Suppose $f$ is the following modular forms

\begin{equation} f=\eta(q^5)^4 [\eta(q)^4+5\,\eta(q)^3\eta(q^{25})+20 \eta(q)^2\eta(q^{25})^2+25\eta(q)\eta(q^{25})^3+25 \eta(q^{25})^4] \end{equation}

where $\eta$ is the Dedekind's eta function, i.e. \begin{equation} \eta(q)=q^{\frac{1}{24}} \prod_{n=1}^{\infty}(1-q^n) \end{equation}

$f$ is of weight $4$ and level 25 (with group $\Gamma_0(25)$). I want to find whether the twisted $L$ functions, $L(f,\chi,s)$ vanishes at $s=2$ or not, where $\chi$ is the quadratic character $(./5)$. I tried to show this use modular symbols, but have not made any progress. Anyone got any ideas?

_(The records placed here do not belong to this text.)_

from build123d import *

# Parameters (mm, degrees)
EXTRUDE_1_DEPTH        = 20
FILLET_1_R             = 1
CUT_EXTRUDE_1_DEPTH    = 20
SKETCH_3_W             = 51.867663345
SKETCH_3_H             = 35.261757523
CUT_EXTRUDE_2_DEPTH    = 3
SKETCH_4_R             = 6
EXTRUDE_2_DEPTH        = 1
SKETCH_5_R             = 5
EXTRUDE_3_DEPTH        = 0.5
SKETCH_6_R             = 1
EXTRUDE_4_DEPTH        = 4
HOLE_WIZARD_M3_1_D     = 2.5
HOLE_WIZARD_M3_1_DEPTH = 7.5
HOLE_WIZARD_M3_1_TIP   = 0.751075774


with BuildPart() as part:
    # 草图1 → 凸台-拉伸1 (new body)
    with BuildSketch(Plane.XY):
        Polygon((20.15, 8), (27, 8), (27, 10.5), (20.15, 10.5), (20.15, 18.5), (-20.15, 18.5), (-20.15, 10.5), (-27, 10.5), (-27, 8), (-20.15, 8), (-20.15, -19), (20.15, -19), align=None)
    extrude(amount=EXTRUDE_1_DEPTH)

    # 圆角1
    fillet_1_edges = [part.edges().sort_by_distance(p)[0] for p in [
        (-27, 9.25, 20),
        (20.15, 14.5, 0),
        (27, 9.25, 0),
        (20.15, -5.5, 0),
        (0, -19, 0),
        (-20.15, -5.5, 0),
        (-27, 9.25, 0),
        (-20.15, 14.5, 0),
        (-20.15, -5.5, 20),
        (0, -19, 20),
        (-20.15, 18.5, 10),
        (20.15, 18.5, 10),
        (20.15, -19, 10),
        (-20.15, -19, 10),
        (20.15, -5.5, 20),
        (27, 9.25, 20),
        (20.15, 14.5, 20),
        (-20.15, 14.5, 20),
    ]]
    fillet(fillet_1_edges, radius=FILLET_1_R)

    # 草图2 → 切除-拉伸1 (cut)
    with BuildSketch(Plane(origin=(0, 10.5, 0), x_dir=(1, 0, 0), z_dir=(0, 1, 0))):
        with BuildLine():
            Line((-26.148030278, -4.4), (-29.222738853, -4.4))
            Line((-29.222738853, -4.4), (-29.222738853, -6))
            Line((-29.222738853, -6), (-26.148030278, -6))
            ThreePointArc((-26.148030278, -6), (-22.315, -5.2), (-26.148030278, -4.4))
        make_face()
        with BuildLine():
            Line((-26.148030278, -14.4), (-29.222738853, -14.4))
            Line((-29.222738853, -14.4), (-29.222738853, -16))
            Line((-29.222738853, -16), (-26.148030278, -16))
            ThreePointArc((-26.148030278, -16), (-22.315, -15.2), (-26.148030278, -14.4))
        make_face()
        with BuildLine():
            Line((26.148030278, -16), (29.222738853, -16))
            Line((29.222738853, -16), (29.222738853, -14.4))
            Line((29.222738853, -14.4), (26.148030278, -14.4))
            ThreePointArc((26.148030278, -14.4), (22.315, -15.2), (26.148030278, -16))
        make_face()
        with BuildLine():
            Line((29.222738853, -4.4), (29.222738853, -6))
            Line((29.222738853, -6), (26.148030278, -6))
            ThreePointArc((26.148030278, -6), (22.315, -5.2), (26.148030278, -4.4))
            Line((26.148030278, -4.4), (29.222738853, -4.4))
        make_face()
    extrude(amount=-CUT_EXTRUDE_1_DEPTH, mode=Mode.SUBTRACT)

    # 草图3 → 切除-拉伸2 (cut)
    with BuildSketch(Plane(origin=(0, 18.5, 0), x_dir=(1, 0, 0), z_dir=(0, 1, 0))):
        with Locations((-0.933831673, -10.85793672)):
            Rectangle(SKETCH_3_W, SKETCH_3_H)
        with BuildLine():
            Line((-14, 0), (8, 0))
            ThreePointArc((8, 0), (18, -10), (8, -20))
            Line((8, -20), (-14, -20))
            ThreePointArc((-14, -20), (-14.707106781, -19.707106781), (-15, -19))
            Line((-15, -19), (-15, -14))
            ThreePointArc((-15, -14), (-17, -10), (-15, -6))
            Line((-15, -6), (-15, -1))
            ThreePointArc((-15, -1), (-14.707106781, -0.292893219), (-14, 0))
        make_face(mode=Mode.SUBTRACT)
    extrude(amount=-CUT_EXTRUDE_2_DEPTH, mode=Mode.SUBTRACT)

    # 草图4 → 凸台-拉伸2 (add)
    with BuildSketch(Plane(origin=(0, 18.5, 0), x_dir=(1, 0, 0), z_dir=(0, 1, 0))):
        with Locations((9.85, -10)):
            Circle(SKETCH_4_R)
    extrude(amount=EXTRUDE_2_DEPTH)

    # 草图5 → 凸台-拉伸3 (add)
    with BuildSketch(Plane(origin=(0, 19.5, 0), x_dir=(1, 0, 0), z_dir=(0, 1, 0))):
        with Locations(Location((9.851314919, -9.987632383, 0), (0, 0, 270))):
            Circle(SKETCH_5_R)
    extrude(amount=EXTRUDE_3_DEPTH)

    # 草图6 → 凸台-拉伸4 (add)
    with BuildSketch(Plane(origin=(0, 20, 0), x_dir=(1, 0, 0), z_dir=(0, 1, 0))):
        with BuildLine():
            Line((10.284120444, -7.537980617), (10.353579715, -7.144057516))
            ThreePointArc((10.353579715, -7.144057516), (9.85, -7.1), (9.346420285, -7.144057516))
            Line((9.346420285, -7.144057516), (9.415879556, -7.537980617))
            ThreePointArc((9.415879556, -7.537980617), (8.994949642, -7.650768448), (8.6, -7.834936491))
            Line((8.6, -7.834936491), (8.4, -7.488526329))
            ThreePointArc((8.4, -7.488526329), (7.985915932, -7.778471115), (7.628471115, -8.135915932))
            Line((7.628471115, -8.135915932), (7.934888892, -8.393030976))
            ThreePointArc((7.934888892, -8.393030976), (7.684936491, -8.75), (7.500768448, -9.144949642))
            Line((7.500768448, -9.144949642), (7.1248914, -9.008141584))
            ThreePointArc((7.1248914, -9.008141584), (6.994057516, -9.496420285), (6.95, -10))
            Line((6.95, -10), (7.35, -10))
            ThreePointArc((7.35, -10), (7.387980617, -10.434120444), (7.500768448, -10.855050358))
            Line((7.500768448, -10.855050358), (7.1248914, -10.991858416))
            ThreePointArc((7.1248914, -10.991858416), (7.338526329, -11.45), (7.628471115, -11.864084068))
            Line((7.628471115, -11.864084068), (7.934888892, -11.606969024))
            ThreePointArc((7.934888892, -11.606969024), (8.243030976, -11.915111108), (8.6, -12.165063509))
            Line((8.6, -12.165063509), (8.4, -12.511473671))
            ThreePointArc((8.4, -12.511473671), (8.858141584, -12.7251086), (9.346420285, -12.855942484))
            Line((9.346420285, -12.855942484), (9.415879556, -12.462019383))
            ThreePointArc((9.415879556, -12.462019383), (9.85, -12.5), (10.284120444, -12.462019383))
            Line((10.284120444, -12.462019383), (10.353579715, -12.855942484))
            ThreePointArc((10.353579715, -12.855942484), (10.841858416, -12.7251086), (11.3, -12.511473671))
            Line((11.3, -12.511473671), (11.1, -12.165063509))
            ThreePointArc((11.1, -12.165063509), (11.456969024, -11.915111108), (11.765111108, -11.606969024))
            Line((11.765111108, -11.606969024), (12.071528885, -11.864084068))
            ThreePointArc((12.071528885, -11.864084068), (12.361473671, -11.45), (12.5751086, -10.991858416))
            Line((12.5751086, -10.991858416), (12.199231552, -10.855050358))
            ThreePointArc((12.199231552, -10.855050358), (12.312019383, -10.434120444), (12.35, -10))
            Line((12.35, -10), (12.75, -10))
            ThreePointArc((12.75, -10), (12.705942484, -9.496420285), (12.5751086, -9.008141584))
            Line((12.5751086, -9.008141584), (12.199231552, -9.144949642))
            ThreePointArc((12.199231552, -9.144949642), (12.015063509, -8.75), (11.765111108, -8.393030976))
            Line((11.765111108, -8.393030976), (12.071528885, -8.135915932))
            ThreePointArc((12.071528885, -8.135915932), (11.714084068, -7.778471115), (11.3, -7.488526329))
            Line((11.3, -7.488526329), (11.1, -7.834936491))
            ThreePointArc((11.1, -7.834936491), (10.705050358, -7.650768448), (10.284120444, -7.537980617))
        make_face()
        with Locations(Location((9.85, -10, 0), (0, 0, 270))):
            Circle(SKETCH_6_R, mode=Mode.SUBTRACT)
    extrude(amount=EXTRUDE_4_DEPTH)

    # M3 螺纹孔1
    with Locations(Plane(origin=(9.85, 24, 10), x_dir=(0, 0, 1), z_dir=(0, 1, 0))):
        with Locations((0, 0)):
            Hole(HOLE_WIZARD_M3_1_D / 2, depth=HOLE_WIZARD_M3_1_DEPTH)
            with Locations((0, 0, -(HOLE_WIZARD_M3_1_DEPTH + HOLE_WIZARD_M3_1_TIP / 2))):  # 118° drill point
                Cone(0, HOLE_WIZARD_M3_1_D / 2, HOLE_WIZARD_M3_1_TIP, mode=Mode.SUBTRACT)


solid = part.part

In the note, Overconvergent Modular Symbols by Robert Pollack,

http://math.bu.edu/people/rpollack/Papers/Overconvergent_modular_symbols.pdf

In page 3 there is a formula

\begin{equation} L(g,\chi,1)=\frac{\tau(\chi)}{N} \sum_{a\, \text{mod}\, N} \bar{\chi}(a)2 \,\pi \,i \int_{i\,\infty}^{-a/N}g(z)dz \end{equation}

where $g$ is a modular form of weight 1. I am wondering whether there is a formula for weight 4. Then we could transform $L(f,\chi,2)$ into a sum of integrals, which might be helpful.

Answer 1

The $L$-series vanishes at the central point (which I presume is $s = 2$ in the OP's normalization, although I'm not sure).

The reason for this is that $f \otimes \chi_{5}$ has eigenvalue equal to $-1$ under the Fricke involution $\begin{bmatrix} 0 & -1 \\ 25 & 0 \end{bmatrix}$ (according to Magma), and the sign of the functional equation of a weight $k$ newform is $i^{k}$ times the Fricke eigenvalue (by Theorem 7.1 of Iwaniec's Topics in Classical Automorphic Forms).